Today it's only possible to store a handful of qubits, and the CQT researchers showed that their 250,000 photon exchange would be secure against a memory of 972 qubits suffering a certain noise. If quantum memories get bigger, security could be restored by increasing the waiting time or boosting the total number of bits sent.

The collaboration of computer scientists and experimentalists was not without challenges — "some of the common experimental terms I used turned out to have very specific and different meanings in theoretical computer science," says Siddarth Joshi, a PhD student in Christian's group, but he found it rewarding overall. "Theoretical protocols currently outstrip experimental capabilities by several decades and if I am to live to own a quantum laptop, these kind of collaborative efforts are a must," he says.

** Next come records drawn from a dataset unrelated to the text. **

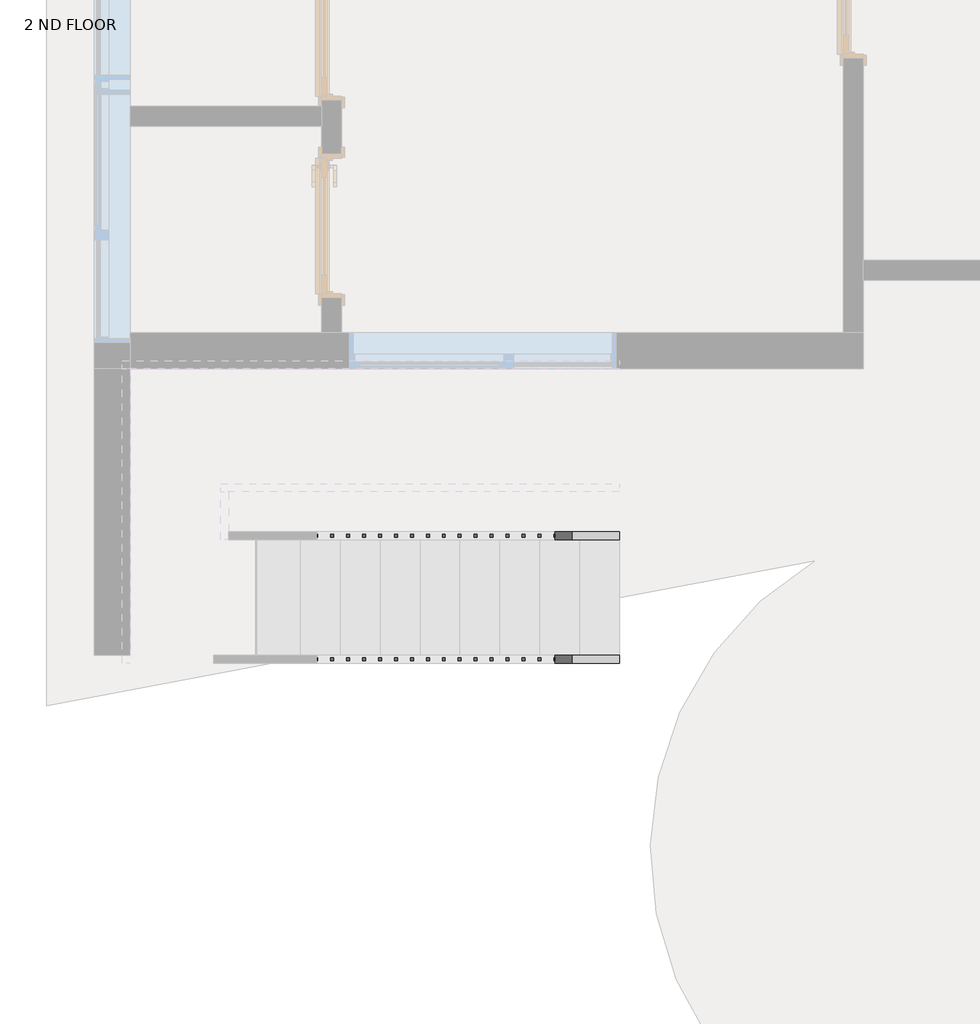
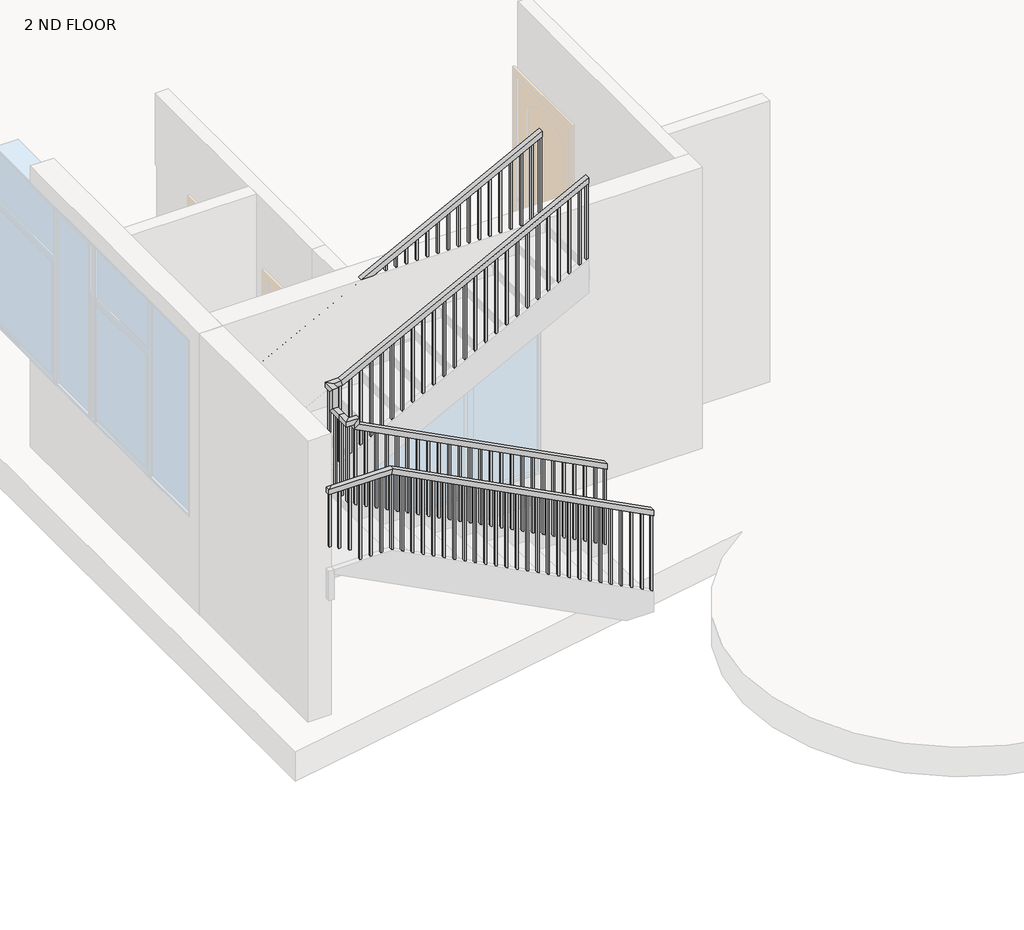
# One storey, part 3 of 4: 2 railings.
"""IFC4 building model written with IfcOpenShell, lengths in millimetres."""

from ifc_helpers import new_model, si_unit, frame, origin, place, context, project, spatial, polyline, outline, extrude, faceted_brep, element, save

model = new_model("IFC4")

# Units and contexts
model_context = context("Model", 3, world=origin())
ifc_project = project(units=[si_unit("LENGTHUNIT", "METRE", prefix="MILLI")], contexts=[model_context])

# Site, building, storey
site = spatial("IfcSite", under=ifc_project)
building = spatial("IfcBuilding", under=site)
storey = spatial("IfcBuildingStorey", under=building, Name="2 ND FLOOR", Elevation=6400.8)

# Railings
placement = place(None, origin())
element("IfcRailing", 1, ObjectType="Handrail - Rectangular", at=placement, inside=storey, context=model_context, shape_type="SolidModel", body=[
    faceted_brep([(-3117.2664982, -6914.3822004, 7446.8181818), (-3117.2664982, -6914.3822004, 7389.603028), (-3117.2664982, -6863.5822004, 7389.603028), (-3117.2664982, -6863.5822004, 7446.8181818), (-5530.2664982, -6914.3822004, 8697.1909091), (-5581.0664982, -6914.3822004, 8666.2993916), (-5581.0664982, -6863.5822004, 8666.2993916), (-5530.2664982, -6863.5822004, 8697.1909091), (-5657.2664982, -6787.3822004, 8712.2), (-5657.2664982, -6787.3822004, 8763.0), (-5657.2664982, -6685.7822004, 8763.0), (-5657.2664982, -6634.9822004, 8712.2), (-5606.4664982, -6787.3822004, 8712.2), (-5606.4664982, -6634.9822004, 8712.2), (-5606.4664982, -6787.3822004, 8763.0), (-5606.4664982, -6685.7822004, 8763.0), (-3117.2664982, -6558.7822004, 10210.8), (-3117.2664982, -6609.5822004, 10210.8), (-3117.2664982, -6609.5822004, 10153.5848461), (-3117.2664982, -6558.7822004, 10153.5848461), (-5517.8863767, -6558.7822004, 8909.6272727), (-5530.2664982, -6558.7822004, 8960.4272727), (-5517.8863767, -6609.5822004, 8909.6272727), (-5530.2664982, -6609.5822004, 8960.4272727), (-5530.2664982, -6914.3822004, 8763.0), (-5581.0664982, -6914.3822004, 8712.2), (-5581.0664982, -6863.5822004, 8712.2), (-5530.2664982, -6863.5822004, 8763.0), (-5657.2664982, -6914.3822004, 8763.0), (-5657.2664982, -6914.3822004, 8712.2), (-5606.4664982, -6863.5822004, 8712.2), (-5606.4664982, -6863.5822004, 8763.0), (-5657.2664982, -6685.7822004, 8960.4272727), (-5657.2664982, -6634.9822004, 8909.6272727), (-5606.4664982, -6634.9822004, 8909.6272727), (-5606.4664982, -6685.7822004, 8960.4272727), (-5657.2664982, -6558.7822004, 8960.4272727), (-5657.2664982, -6558.7822004, 8909.6272727), (-5606.4664982, -6609.5822004, 8909.6272727), (-5606.4664982, -6609.5822004, 8960.4272727)], [[[0, 1, 2, 3]], [[1, 0, 4, 5]], [[2, 1, 5, 6]], [[3, 2, 6, 7]], [[0, 3, 7, 4]], [[8, 9, 10, 11]], [[12, 8, 11, 13]], [[14, 12, 13, 15]], [[9, 14, 15, 10]], [[16, 17, 18, 19]], [[20, 21, 16, 19]], [[22, 20, 19, 18]], [[23, 22, 18, 17]], [[21, 23, 17, 16]], [[5, 4, 24, 25]], [[6, 5, 25, 26]], [[7, 6, 26, 27]], [[4, 7, 27, 24]], [[25, 24, 28, 29]], [[26, 25, 29, 30]], [[27, 26, 30, 31]], [[24, 27, 31, 28]], [[29, 28, 9, 8]], [[30, 29, 8, 12]], [[31, 30, 12, 14]], [[28, 31, 14, 9]], [[11, 10, 32, 33]], [[13, 11, 33, 34]], [[15, 13, 34, 35]], [[10, 15, 35, 32]], [[33, 32, 36, 37]], [[34, 33, 37, 38]], [[35, 34, 38, 39]], [[32, 35, 39, 36]], [[37, 36, 21, 20]], [[38, 37, 20, 22]], [[39, 38, 22, 23]], [[36, 39, 23, 21]]]),
    extrude(outline(polyline([(10119.0350734, -3183.9414982), (10109.1637098, -3202.9914982), (9324.8803899, -3202.9914982), (9334.7517536, -3183.9414982), (10119.0350734, -3183.9414982)])), frame((0.0, -6593.7072004, 0.0), z_axis=(0.0, 1.0, 0.0), x_axis=(0.0, 0.0, 1.0)), (0.0, 0.0, 1.0), 19.05),
    extrude(outline(polyline([(10066.3878007, -3285.5414982), (10056.516437, -3304.5914982), (9272.2331172, -3304.5914982), (9282.1044808, -3285.5414982), (10066.3878007, -3285.5414982)])), frame((0.0, -6593.7072004, 0.0), z_axis=(0.0, 1.0, 0.0), x_axis=(0.0, 0.0, 1.0)), (0.0, 0.0, 1.0), 19.05),
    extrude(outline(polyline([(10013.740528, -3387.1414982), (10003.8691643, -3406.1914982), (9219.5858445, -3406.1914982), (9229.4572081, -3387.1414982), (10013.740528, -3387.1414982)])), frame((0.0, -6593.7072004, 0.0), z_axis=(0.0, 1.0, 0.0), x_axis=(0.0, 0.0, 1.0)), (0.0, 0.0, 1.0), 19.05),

Nelly Ng Huei Ying presenting her research at a quantum conference.

CQT Research Assistant Nelly Ng Huei Ying presented the bit commitment work in August at the 11th International Conference on Quantum Communication, Measurement and Computing in Vienna, Austria.


"It's really cool that it worked — we achieved security on a practical level!" says Nelly Ng, who became involved in the project while still an undergraduate at Nanyang Technological University. She has since graduated (with two awards) and is now a Research Assistant in Stephanie's group.

Practical in a lab setting, that is. To commercialise the system would require boosting the bit rate, among other improvements. Alice and Bob exchanged the 250,000 photons required to commit a single bit in a little over 10 seconds, then mathematical processing of the data took many times longer. To make the bit commitment fast will require more efficient ways to crunch the data and exchange details.

For more details, see "Experimental implementation of bit commitment in the noisy-storage model" Nature Communications doi:10.1038/ncomms2268 (2012); arXiv:1205.3331.